Physique du bâtiment : considérations concrètes pour la conception de mondes virtuels
TechFlow SélectionTechFlow Sélection

Physique du bâtiment : considérations concrètes pour la conception de mondes virtuels
La conception de mondes virtuels nécessite d'équilibrer l'écoulement du temps, les formes des lois physiques numériques et leur champ d'application, afin de créer des environnements à la fois intéressants et efficaces en termes de calcul.
Rédaction : bytes
Traduction : MetaCat

En tant que créateurs de mondes virtuels, notre objectif est de concevoir des environnements captivants et intéressants pour les utilisateurs. Cela implique de trouver un équilibre entre la conception de lois physiques numériques permettant l’émergence de comportements complexes et inattendus et la garantie que les infrastructures disponibles peuvent supporter ces comportements. Pour y parvenir, nous devons prendre en compte trois dimensions principales des lois physiques numériques : le temps, la forme de ces lois, ainsi que leur champ d’application.
Nous définissons l’écoulement du temps dans un monde virtuel comme l’application itérative de ses lois physiques sur lui-même. Chaque application discrète constitue un « instant » dans le flux temporel du monde. Une manière de concevoir le temps mondial consiste à le faire progresser continuellement avec le temps externe. Dans un monde virtuel implémenté sur une blockchain, chaque bloc correspond à un certain nombre d’instants écoulés dans le monde, indépendamment des transactions qu’il contient. On parle alors de temps « synchronisé » (synced time). Cette approche peut rendre le monde plus attrayant pour les utilisateurs, car elle leur permet de voir en temps réel les conséquences (impacts) de leurs actions.

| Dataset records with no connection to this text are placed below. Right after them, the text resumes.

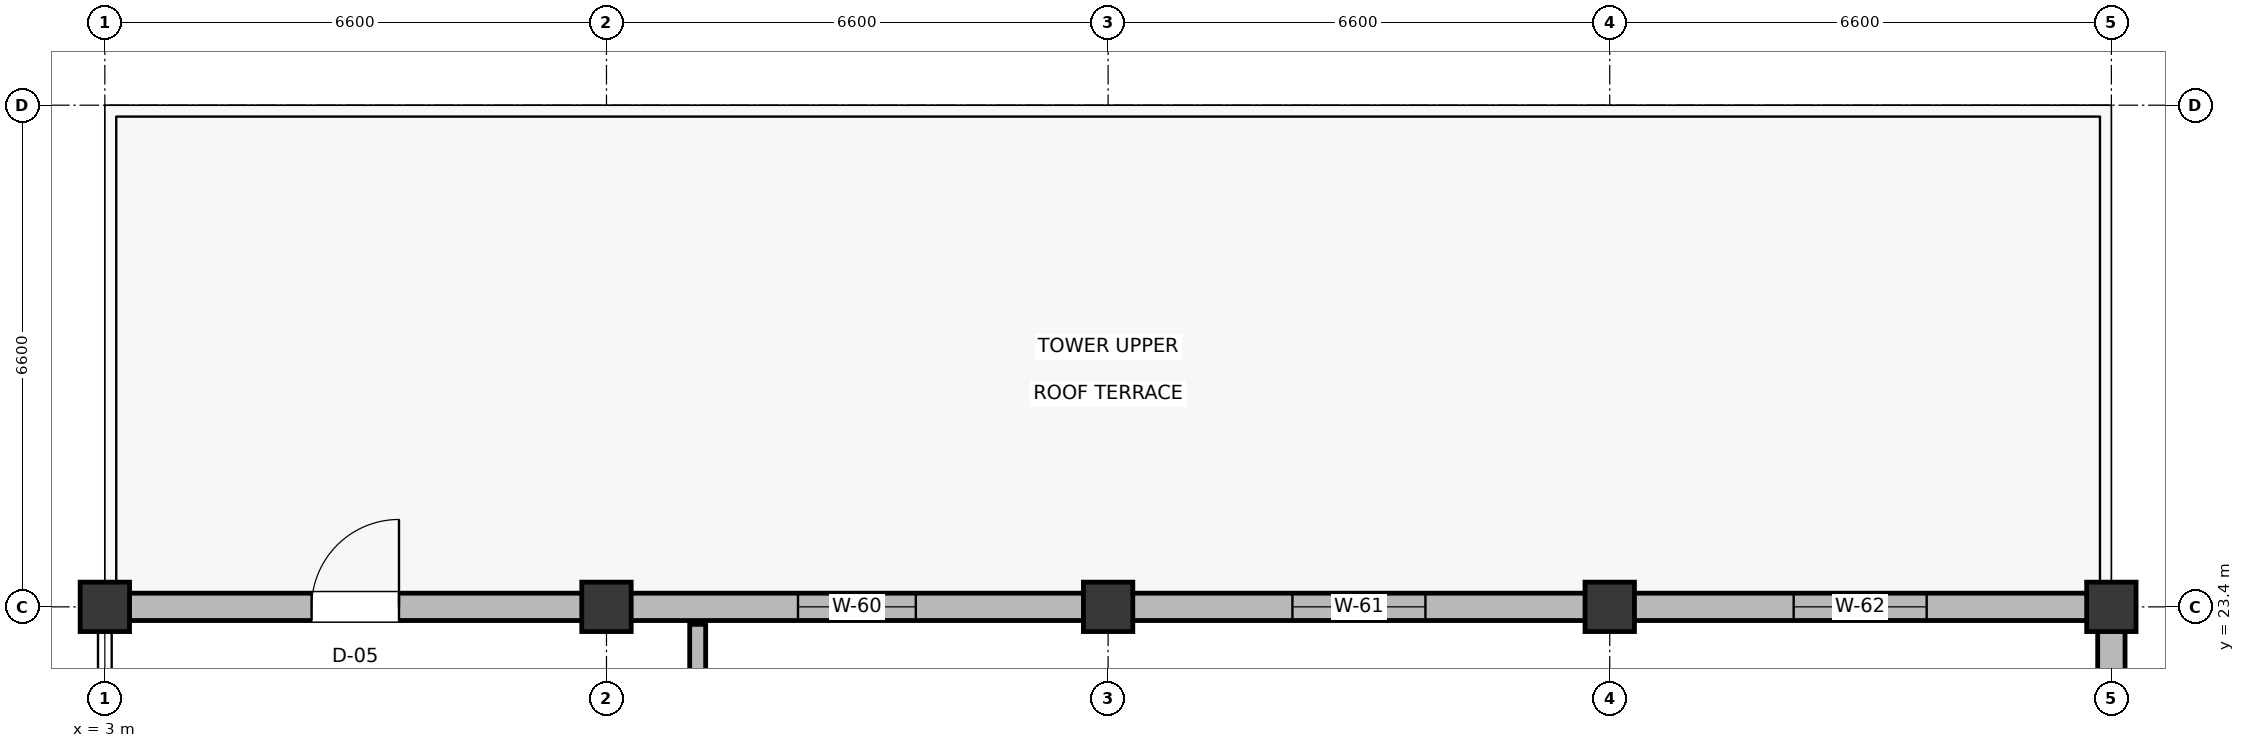
"""IFC4 building model, lengths in metres.
Left out: names, types, materials, properties, quantities, classifications, styles, units other than length and angle.
Written with IfcOpenShell. Run it as: python <this file> out.ifc"""

import sys

from ifc_helpers import new_model, si_unit, direction, frame, frame_2d, origin, origin_2d, place, context, subcontext, project, spatial, rectangle, extrude, element, fill, save


model = new_model("IFC4")
c1 = context("Model", 3, precision=1e-05, world=origin(), true_north=direction((0.0, 1.0)))
c2 = subcontext(c1, "Body", "Model", "MODEL_VIEW")
j1 = project(units=[si_unit("LENGTHUNIT", "METRE"), si_unit("PLANEANGLEUNIT", "RADIAN")], contexts=[c1])
p1 = place(None, origin())
s1 = spatial("IfcSite", under=j1, at=p1, CompositionType="ELEMENT")
p2 = place(p1, origin())
s2 = spatial("IfcBuilding", under=s1, at=p2, CompositionType="ELEMENT")
p3 = place(p2, frame((0.0, 0.0, 36.8)))
s3 = spatial("IfcBuildingStorey", under=s2, at=p3, CompositionType="ELEMENT", Elevation=36.8)
for number, where, z_axis, x_axis in (
    (1, (3.0, 23.4, 0.0), (0.0, 0.0, 1.0), (1.0, 0.0, 0.0)),
    (2, (9.6, 23.4, 0.0), (0.0, 0.0, 1.0), (1.0, 0.0, 0.0)),
    (3, (16.2, 23.4, 0.0), (0.0, 0.0, 1.0), (1.0, 0.0, 0.0)),
    (4, (22.8, 23.4, 0.0), (0.0, 0.0, 1.0), (1.0, 0.0, 0.0)),
    (5, (29.4, 23.4, 0.0), (0.0, 0.0, 1.0), (1.0, 0.0, 0.0)),
):
    element("IfcColumn", number, at=place(p3, frame(where, z_axis=z_axis, x_axis=x_axis)), inside=s3, PredefinedType="COLUMN", context=c2, shape_type="SweptSolid", body=[
        extrude(rectangle(XDim=0.65, YDim=0.65, at=origin_2d()), origin(), (0.0, 0.0, 1.0), 3.8),
    ])
p4 = place(p3, frame((29.4, 9.315, 0.0), z_axis=(0.0, 0.0, 1.0), x_axis=(0.0, 1.0, 0.0)))
e6 = element("IfcWall", 6, at=p4, inside=s3, PredefinedType="SOLIDWALL", context=c2, shape_type="SweptSolid", body=[
    extrude(rectangle(XDim=13.77, YDim=0.36, at=frame_2d((6.885, 0.0))), origin(), (0.0, 0.0, 1.0), 2.725),
])
p5 = place(p4, frame((6.11, 0.0, 0.9)))
e7 = element("IfcOpeningElement", 7, at=p5, cuts=e6, PredefinedType="OPENING", context=c2, shape_type="SweptSolid", body=[
    extrude(rectangle(XDim=1.55, YDim=1.55, at=frame_2d((0.775, 0.775))), frame((0.0, 0.19, 0.0), z_axis=(0.0, -1.0, 0.0), x_axis=(1.0, 0.0, 0.0)), (0.0, 0.0, 1.0), 0.38),
])
p6 = place(p3, frame((3.305, 23.4, 0.0), z_axis=(0.0, 0.0, 1.0), x_axis=(1.0, 0.0, 0.0)))
e8 = element("IfcWall", 8, at=p6, inside=s3, PredefinedType="SOLIDWALL", context=c2, shape_type="SweptSolid", body=[
    extrude(rectangle(XDim=5.98, YDim=0.36, at=frame_2d((2.99, 0.0))), origin(), (0.0, 0.0, 1.0), 2.595),
])
p7 = place(p6, frame((2.415, 0.0, 0.0)))
e9 = element("IfcOpeningElement", 9, at=p7, cuts=e8, PredefinedType="OPENING", context=c2, shape_type="SweptSolid", body=[
    extrude(rectangle(XDim=1.15, YDim=2.2, at=frame_2d((0.575, 1.1))), frame((0.0, 0.19, 0.0), z_axis=(0.0, -1.0, 0.0), x_axis=(1.0, 0.0, 0.0)), (0.0, 0.0, 1.0), 0.38),
])
p8 = place(p3, frame((9.905, 23.4, 0.0), z_axis=(0.0, 0.0, 1.0), x_axis=(1.0, 0.0, 0.0)))
e10 = element("IfcWall", 10, at=p8, inside=s3, PredefinedType="SOLIDWALL", context=c2, shape_type="SweptSolid", body=[
    extrude(rectangle(XDim=5.98, YDim=0.36, at=frame_2d((2.99, 0.0))), origin(), (0.0, 0.0, 1.0), 2.825),
])
p9 = place(p8, frame((2.215, 0.0, 0.9)))
e11 = element("IfcOpeningElement", 11, at=p9, cuts=e10, PredefinedType="OPENING", context=c2, shape_type="SweptSolid", body=[
    extrude(rectangle(XDim=1.55, YDim=1.75, at=frame_2d((0.775, 0.875))), frame((0.0, 0.19, 0.0), z_axis=(0.0, -1.0, 0.0), x_axis=(1.0, 0.0, 0.0)), (0.0, 0.0, 1.0), 0.38),
])
p10 = place(p3, frame((16.505, 23.4, 0.0), z_axis=(0.0, 0.0, 1.0), x_axis=(1.0, 0.0, 0.0)))
e12 = element("IfcWall", 12, at=p10, inside=s3, PredefinedType="SOLIDWALL", context=c2, shape_type="SweptSolid", body=[
    extrude(rectangle(XDim=5.99, YDim=0.36, at=frame_2d((2.995, 0.0))), origin(), (0.0, 0.0, 1.0), 2.615),
])
p11 = place(p10, frame((2.12, 0.0, 0.9)))
e13 = element("IfcOpeningElement", 13, at=p11, cuts=e12, PredefinedType="OPENING", context=c2, shape_type="SweptSolid", body=[
    extrude(rectangle(XDim=1.75, YDim=1.15, at=frame_2d((0.875, 0.575))), frame((0.0, 0.19, 0.0), z_axis=(0.0, -1.0, 0.0), x_axis=(1.0, 0.0, 0.0)), (0.0, 0.0, 1.0), 0.38),
])
p12 = place(p3, frame((23.105, 23.4, 0.0), z_axis=(0.0, 0.0, 1.0), x_axis=(1.0, 0.0, 0.0)))
e14 = element("IfcWall", 14, at=p12, inside=s3, PredefinedType="SOLIDWALL", context=c2, shape_type="SweptSolid", body=[
    extrude(rectangle(XDim=5.98, YDim=0.36, at=frame_2d((2.99, 0.0))), origin(), (0.0, 0.0, 1.0), 2.825),
])
p13 = place(p12, frame((2.115, 0.0, 0.9)))
e15 = element("IfcOpeningElement", 15, at=p13, cuts=e14, PredefinedType="OPENING", context=c2, shape_type="SweptSolid", body=[
    extrude(rectangle(XDim=1.75, YDim=1.35, at=frame_2d((0.875, 0.675))), frame((0.0, 0.19, 0.0), z_axis=(0.0, -1.0, 0.0), x_axis=(1.0, 0.0, 0.0)), (0.0, 0.0, 1.0), 0.38),
])
p14 = place(p3, frame((10.8, 20.48, 0.0), z_axis=(0.0, 0.0, 1.0), x_axis=(0.0, 1.0, 0.0)))
e16 = element("IfcWall", 16, at=p14, inside=s3, PredefinedType="PLUMBINGWALL", context=c2, shape_type="SweptSolid", body=[
    extrude(rectangle(XDim=2.69, YDim=0.21, at=frame_2d((1.345, 0.0))), origin(), (0.0, 0.0, 1.0), 2.825),
])
p15 = place(p14, frame((0.885, 0.0, 0.0)))
e17 = element("IfcOpeningElement", 17, at=p15, cuts=e16, PredefinedType="OPENING", context=c2, shape_type="SweptSolid", body=[
    extrude(rectangle(XDim=0.92, YDim=2.1, at=frame_2d((0.46, 1.05))), frame((0.0, 0.115, 0.0), z_axis=(0.0, -1.0, 0.0), x_axis=(1.0, 0.0, 0.0)), (0.0, 0.0, 1.0), 0.23),
])
p16 = place(p7, origin())
e18 = element("IfcDoor", 18, at=p16, inside=s3, OperationType="SINGLE_SWING_RIGHT", PredefinedType="DOOR", context=c2, shape_type="SweptSolid", body=[
    extrude(rectangle(XDim=1.15, YDim=2.2, at=frame_2d((0.575, 1.1))), frame((0.0, 0.025, 0.0), z_axis=(0.0, -1.0, 0.0), x_axis=(1.0, 0.0, 0.0)), (0.0, 0.0, 1.0), 0.05),
])
fill(e9, e18)
p17 = place(p9, origin())
e19 = element("IfcWindow", 19, at=p17, inside=s3, PartitioningType="DOUBLE_PANEL_VERTICAL", PredefinedType="WINDOW", context=c2, shape_type="SweptSolid", body=[
    extrude(rectangle(XDim=1.55, YDim=1.75, at=frame_2d((0.775, 0.875))), frame((0.0, 0.03, 0.0), z_axis=(0.0, -1.0, 0.0), x_axis=(1.0, 0.0, 0.0)), (0.0, 0.0, 1.0), 0.06),
])
fill(e11, e19)
p18 = place(p11, origin())
e20 = element("IfcWindow", 20, at=p18, inside=s3, PartitioningType="DOUBLE_PANEL_VERTICAL", PredefinedType="WINDOW", context=c2, shape_type="SweptSolid", body=[
    extrude(rectangle(XDim=1.75, YDim=1.15, at=frame_2d((0.875, 0.575))), frame((0.0, 0.03, 0.0), z_axis=(0.0, -1.0, 0.0), x_axis=(1.0, 0.0, 0.0)), (0.0, 0.0, 1.0), 0.06),
])
fill(e13, e20)
p19 = place(p13, origin())
e21 = element("IfcWindow", 21, at=p19, inside=s3, PartitioningType="DOUBLE_PANEL_VERTICAL", PredefinedType="WINDOW", context=c2, shape_type="SweptSolid", body=[
    extrude(rectangle(XDim=1.75, YDim=1.35, at=frame_2d((0.875, 0.675))), frame((0.0, 0.03, 0.0), z_axis=(0.0, -1.0, 0.0), x_axis=(1.0, 0.0, 0.0)), (0.0, 0.0, 1.0), 0.06),
])
fill(e15, e21)
save(model, sys.argv[1])

De plus, elle entraîne un passage constant du temps à l’intérieur du monde, favorisant ainsi l’émergence de comportements intéressants.
Toutefois, cette méthode présente aussi des inconvénients. Des périodes de temps plus longues nécessitent généralement davantage de ressources informatiques, ce qui peut rapidement dépasser la capacité de la chaîne ou du serveur. L’implémentation de ce système sur une blockchain classique peut également s’avérer difficile, car toutes les modifications sur chaîne doivent être initiées par des transactions d’utilisateurs externes.
Une alternative au temps synchronisé est le temps non synchronisé (unsynced time). Dans ce modèle, le temps dans le monde n’avance pas nécessairement au rythme du temps externe. Au contraire, il progresse selon certains événements, généralement des actions utilisateur. Les jeux de société traditionnels sans minuterie relèvent d’une catégorie similaire. Le temps non synchronisé est plus facile à implémenter sur chaîne, car il correspond au modèle supporté par la conception des blockchains. Toutefois, il sacrifie certaines fonctionnalités qui pourraient rendre le monde plus intéressant.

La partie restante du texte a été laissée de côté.